The Modern Paws pop-up set up shop in a PODS container, one of 10 that PODS for Business donated to the Tampa Downtown Partnership to form the Winter Village. The PODS container pop-up helped the Prakobkits with business visibility and building their customer base. Thanks to that opportunity, the husband-and-wife team spent the last weeks of 2018 polishing the final steps, like walk-throughs, to open a location of their own in Tampa’s Channel District.
“Pop-ups are a great way to test offline retail as they allow retailers to explore the waters without committing to the high fixed costs associated with running a more permanent retail store,” says Ani Collum, retail strategist and principal at Trade Collective, a commerce consultancy. The short-term nature of the lease – the Winter Village runs approximately seven weeks – is also an attractive proposition.
It was precisely these factors that attracted the Prakobkits to setting up the Shops of Winter Village. “It definitely helped us to start small and take the necessary steps forward,” Ben says. The couple plan on keeping both the online and the brick-and-mortar locations going concurrently.
“Pop-ups give an e-commerce retailer a chance to interface directly with customers, all of them, not just the ones that are able to find their website or directed through ads,” says Deborah Kravitz, cofounder and president of Provenzano Resources Inc., a firm that offers specialty retail leasing services.
Indeed, finding new and growing audiences for their business has been one of the biggest advantages of Winter Village, say the Prakobkits.
“By setting up a pop-up shop in a venue that brings hundreds of thousands of people per season, we have been able to get in front of thousands of people who may never have found us otherwise,'” Ben says. “Even if they didn’t buy anything from us, just getting our branding out in front of them was huge.”
Even if the transition from online to pop-up worked well for the Prakobkits, it is not always easy, says Collum. For one thing, there is the merchandising.
“In an online setting, the presentation of the product is the same, whether you have two units or 100. The customer still sees it as the same story, regardless of quantity. In offline retail, the way inventory is merchandised and the levels in which it is stocked can greatly impact consumer behavior,” Collum says.
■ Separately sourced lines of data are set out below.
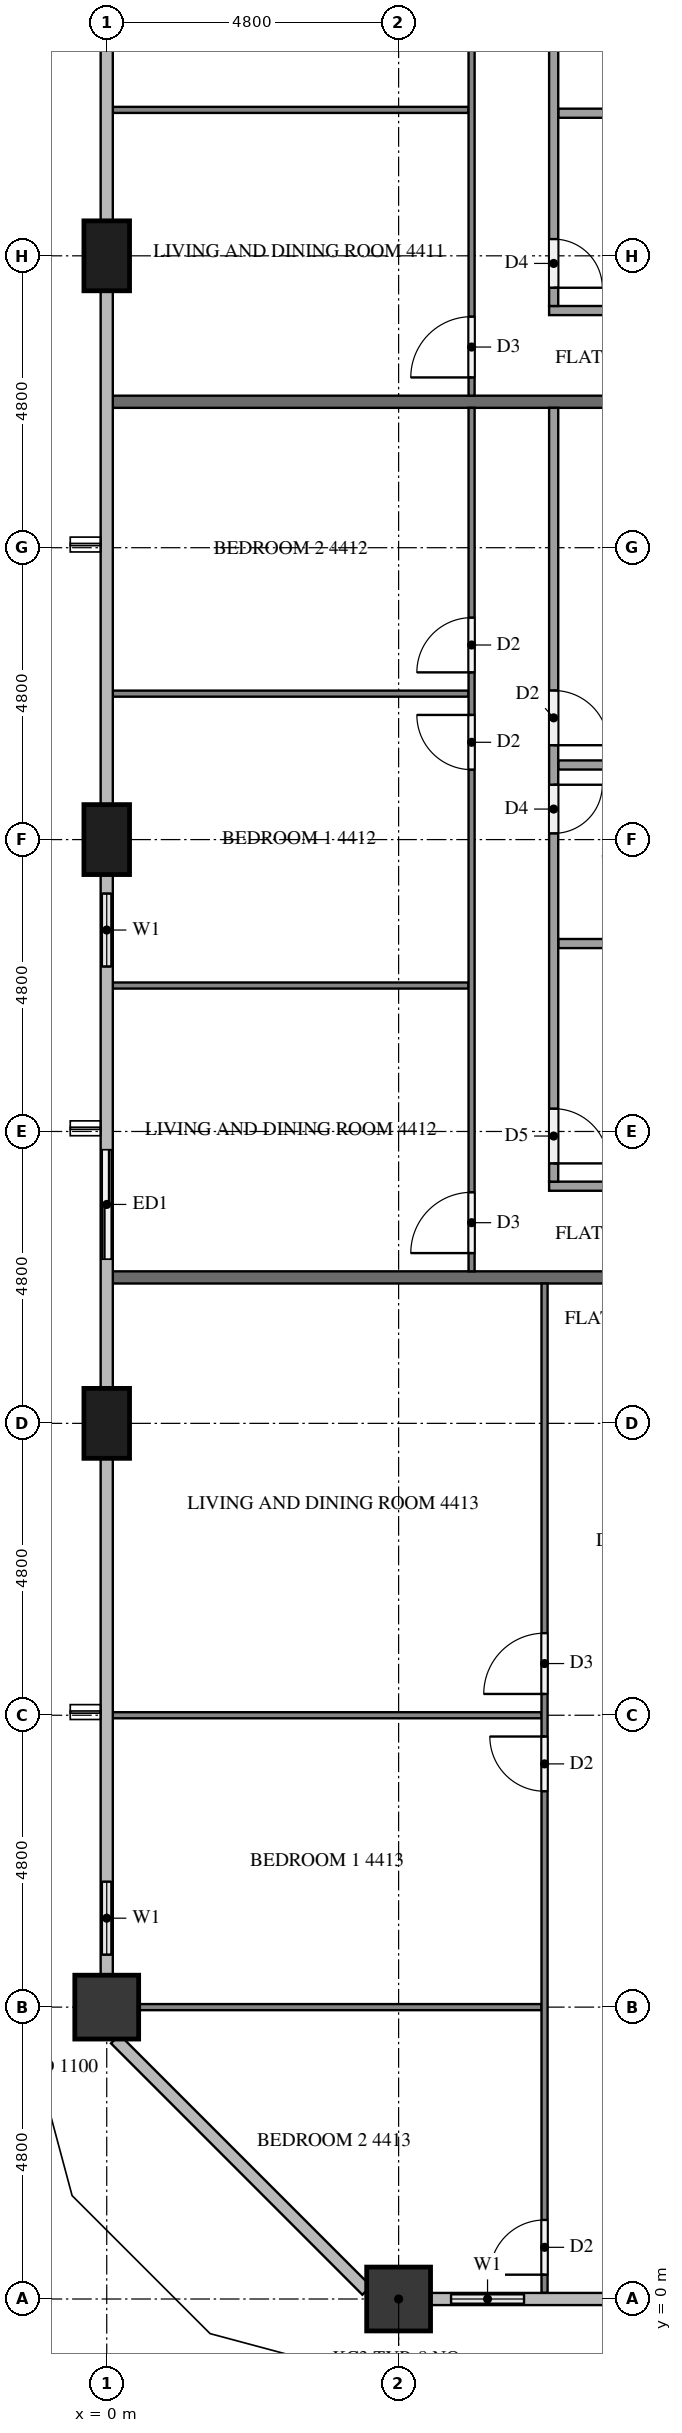
"""IFC4 building model, lengths in metres.
Left out: names, types, materials, properties, quantities, classifications, styles, units other than length and angle.
Written with IfcOpenShell. Run it as: python <this file> out.ifc"""

import sys

from ifc_helpers import new_model, si_unit, direction, frame, frame_2d, origin, origin_2d, place, context, subcontext, project, spatial, rectangle, extrude, element, fill, save


model = new_model("IFC4")
c1 = context("Model", 3, precision=1e-05, world=origin(), true_north=direction((0.0, 1.0)))
c2 = subcontext(c1, "Body", "Model", "MODEL_VIEW")
j1 = project(units=[si_unit("LENGTHUNIT", "METRE"), si_unit("PLANEANGLEUNIT", "RADIAN")], contexts=[c1])
p1 = place(None, origin())
s1 = spatial("IfcSite", under=j1, at=p1, CompositionType="ELEMENT")
p2 = place(p1, origin())
s2 = spatial("IfcBuilding", under=s1, at=p2, CompositionType="ELEMENT")
p3 = place(p2, frame((0.0, 0.0, 170.0)))
s3 = spatial("IfcBuildingStorey", under=s2, at=p3, CompositionType="ELEMENT", Elevation=170.0)
p4 = place(p3, frame((4.8, 0.0, 0.0), z_axis=(0.0, 0.0, 1.0), x_axis=(1.0, 0.0, 0.0)))
e1 = element("IfcColumn", 1, at=p4, inside=s3, PredefinedType="COLUMN", context=c2, shape_type="SweptSolid", body=[
    extrude(rectangle(XDim=1.05, YDim=1.05, at=origin_2d()), origin(), (0.0, 0.0, 1.0), 3.1),
])
for number, where, z_axis, x_axis in (
    (2, (0.0, 33.6, 0.0), (0.0, 0.0, 1.0), (0.0, 1.0, 0.0)),
    (3, (0.0, 24.0, 0.0), (0.0, 0.0, 1.0), (0.0, 1.0, 0.0)),
    (4, (0.0, 14.4, 0.0), (0.0, 0.0, 1.0), (0.0, 1.0, 0.0)),
):
    element("IfcColumn", number, at=place(p3, frame(where, z_axis=z_axis, x_axis=x_axis)), inside=s3, PredefinedType="COLUMN", context=c2, shape_type="SweptSolid", body=[
        extrude(rectangle(XDim=1.15, YDim=0.75, at=origin_2d()), origin(), (0.0, 0.0, 1.0), 3.1),
    ])
p5 = place(p3, frame((0.0, 4.8, 0.0), z_axis=(0.0, 0.0, 1.0), x_axis=(1.0, 0.0, 0.0)))
e5 = element("IfcColumn", 5, at=p5, inside=s3, PredefinedType="COLUMN", context=c2, shape_type="SweptSolid", body=[
    extrude(rectangle(XDim=1.05, YDim=1.05, at=origin_2d()), origin(), (0.0, 0.0, 1.0), 3.1),
])
p6 = place(p3, frame((5.325, 0.0, 0.0), z_axis=(0.0, 0.0, 1.0), x_axis=(1.0, 0.0, 0.0)))
e6 = element("IfcWall", 6, at=p6, inside=s3, PredefinedType="SOLIDWALL", context=c2, shape_type="SweptSolid", body=[
    extrude(rectangle(XDim=1.875, YDim=0.15, at=frame_2d((0.938, 0.0))), origin(), (0.0, 0.0, 1.0), 3.1),
])
p7 = place(p6, frame((0.337, 0.0, 0.9)))
e7 = element("IfcOpeningElement", 7, at=p7, cuts=e6, PredefinedType="OPENING", context=c2, shape_type="SweptSolid", body=[
    extrude(rectangle(XDim=1.2, YDim=1.4, at=frame_2d((0.6, 0.7))), frame((0.0, 0.085, 0.0), z_axis=(0.0, -1.0, 0.0), x_axis=(1.0, 0.0, 0.0)), (0.0, 0.0, 1.0), 0.17),
])
p8 = place(p3, frame((0.0, 23.425, 0.0), z_axis=(0.0, 0.0, 1.0), x_axis=(0.0, -1.0, 0.0)))
e8 = element("IfcWall", 8, at=p8, inside=s3, PredefinedType="SOLIDWALL", context=c2, shape_type="SweptSolid", body=[
    extrude(rectangle(XDim=1.825, YDim=0.15, at=frame_2d((0.913, 0.0))), origin(), (0.0, 0.0, 1.0), 3.1),
])
p9 = place(p8, frame((0.312, 0.0, 0.9)))
e9 = element("IfcOpeningElement", 9, at=p9, cuts=e8, PredefinedType="OPENING", context=c2, shape_type="SweptSolid", body=[
    extrude(rectangle(XDim=1.2, YDim=1.4, at=frame_2d((0.6, 0.7))), frame((0.0, 0.085, 0.0), z_axis=(0.0, -1.0, 0.0), x_axis=(1.0, 0.0, 0.0)), (0.0, 0.0, 1.0), 0.17),
])
p10 = place(p3, frame((0.0, 19.2, 0.0), z_axis=(0.0, 0.0, 1.0), x_axis=(0.0, -1.0, 0.0)))
e10 = element("IfcWall", 10, at=p10, inside=s3, PredefinedType="SOLIDWALL", context=c2, shape_type="SweptSolid", body=[
    extrude(rectangle(XDim=2.4, YDim=0.15, at=frame_2d((1.2, 0.0))), origin(), (0.0, 0.0, 1.0), 3.1),
])
p11 = place(p10, frame((0.3, 0.0, 0.0)))
e11 = element("IfcOpeningElement", 11, at=p11, cuts=e10, PredefinedType="OPENING", context=c2, shape_type="SweptSolid", body=[
    extrude(rectangle(XDim=1.8, YDim=2.4, at=frame_2d((0.9, 1.2))), frame((0.0, 0.085, 0.0), z_axis=(0.0, -1.0, 0.0), x_axis=(1.0, 0.0, 0.0)), (0.0, 0.0, 1.0), 0.17),
])
p12 = place(p3, frame((0.0, 7.2, 0.0), z_axis=(0.0, 0.0, 1.0), x_axis=(0.0, -1.0, 0.0)))
e12 = element("IfcWall", 12, at=p12, inside=s3, PredefinedType="SOLIDWALL", context=c2, shape_type="SweptSolid", body=[
    extrude(rectangle(XDim=1.875, YDim=0.15, at=frame_2d((0.938, 0.0))), origin(), (0.0, 0.0, 1.0), 3.1),
])
p13 = place(p12, frame((0.337, 0.0, 0.9)))
e13 = element("IfcOpeningElement", 13, at=p13, cuts=e12, PredefinedType="OPENING", context=c2, shape_type="SweptSolid", body=[
    extrude(rectangle(XDim=1.2, YDim=1.4, at=frame_2d((0.6, 0.7))), frame((0.0, 0.085, 0.0), z_axis=(0.0, -1.0, 0.0), x_axis=(1.0, 0.0, 0.0)), (0.0, 0.0, 1.0), 0.17),
])
for number, where, z_axis, x_axis in (
    (14, (0.1, 31.2, 0.0), (0.0, 0.0, 1.0), (1.0, 0.0, 0.0)),
    (15, (0.1, 16.8, 0.0), (0.0, 0.0, 1.0), (1.0, 0.0, 0.0)),
):
    element("IfcWall", number, at=place(p3, frame(where, z_axis=z_axis, x_axis=x_axis)), inside=s3, PredefinedType="PARTITIONING", context=c2, shape_type="SweptSolid", body=[
        extrude(rectangle(XDim=11.8, YDim=0.2, at=frame_2d((5.9, 0.0))), origin(), (0.0, 0.0, 1.0), 3.1),
    ])
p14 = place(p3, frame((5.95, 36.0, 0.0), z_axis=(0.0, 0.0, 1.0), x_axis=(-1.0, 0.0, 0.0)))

The Prakobkits were all too aware of this challenge. Having set up the small shop at Duckweed, they knew how to merchandise in a small space, and they set up shelving and arranged their product displays in their PODS container for maximum impact. A large sign on the container was visible from a distance.
Kravitz cautions that the short-term appeal of pop-ups might not always translate to long-term success.
“An online retailer might have immediate success with a pop-up, but then realize that was due to influencers, or the immediacy of purchasing their product. That does not always carry over on a long term retail location, as the need to ‘buy now’ is gone, and inventory needs to be deeper and perhaps broader,” Kravitz says.
To distinguish their store from the rest of the pack, and to encourage customers to visit instead of buying online, the Prakobkits understand that their brick-and-mortar store will have to be a destination, selling more than just product. Plans are underway for spa-like grooming and dog wash stations and a Doggy Raw Bar with pet food available a la carte.
“We’re really excited about it and know that no one else here in Tampa offers such a store,” Ben says.
The couple is grateful for the PODS-sponsored Winter Village that offered the last stepping stone to a permanent retail location. Incubating downtown businesses through the pop-up format is one of the many goals of the Winter Village project, says Kelsy Van Camp, Director of Marketing and Communications at Tampa Downtown Partnership
“Lisa and Ben did phenomenally well,” Van Camp says. “Their pop-up in Winter Village gave them the confidence they needed and to see that there really was a market ready for what they were selling.”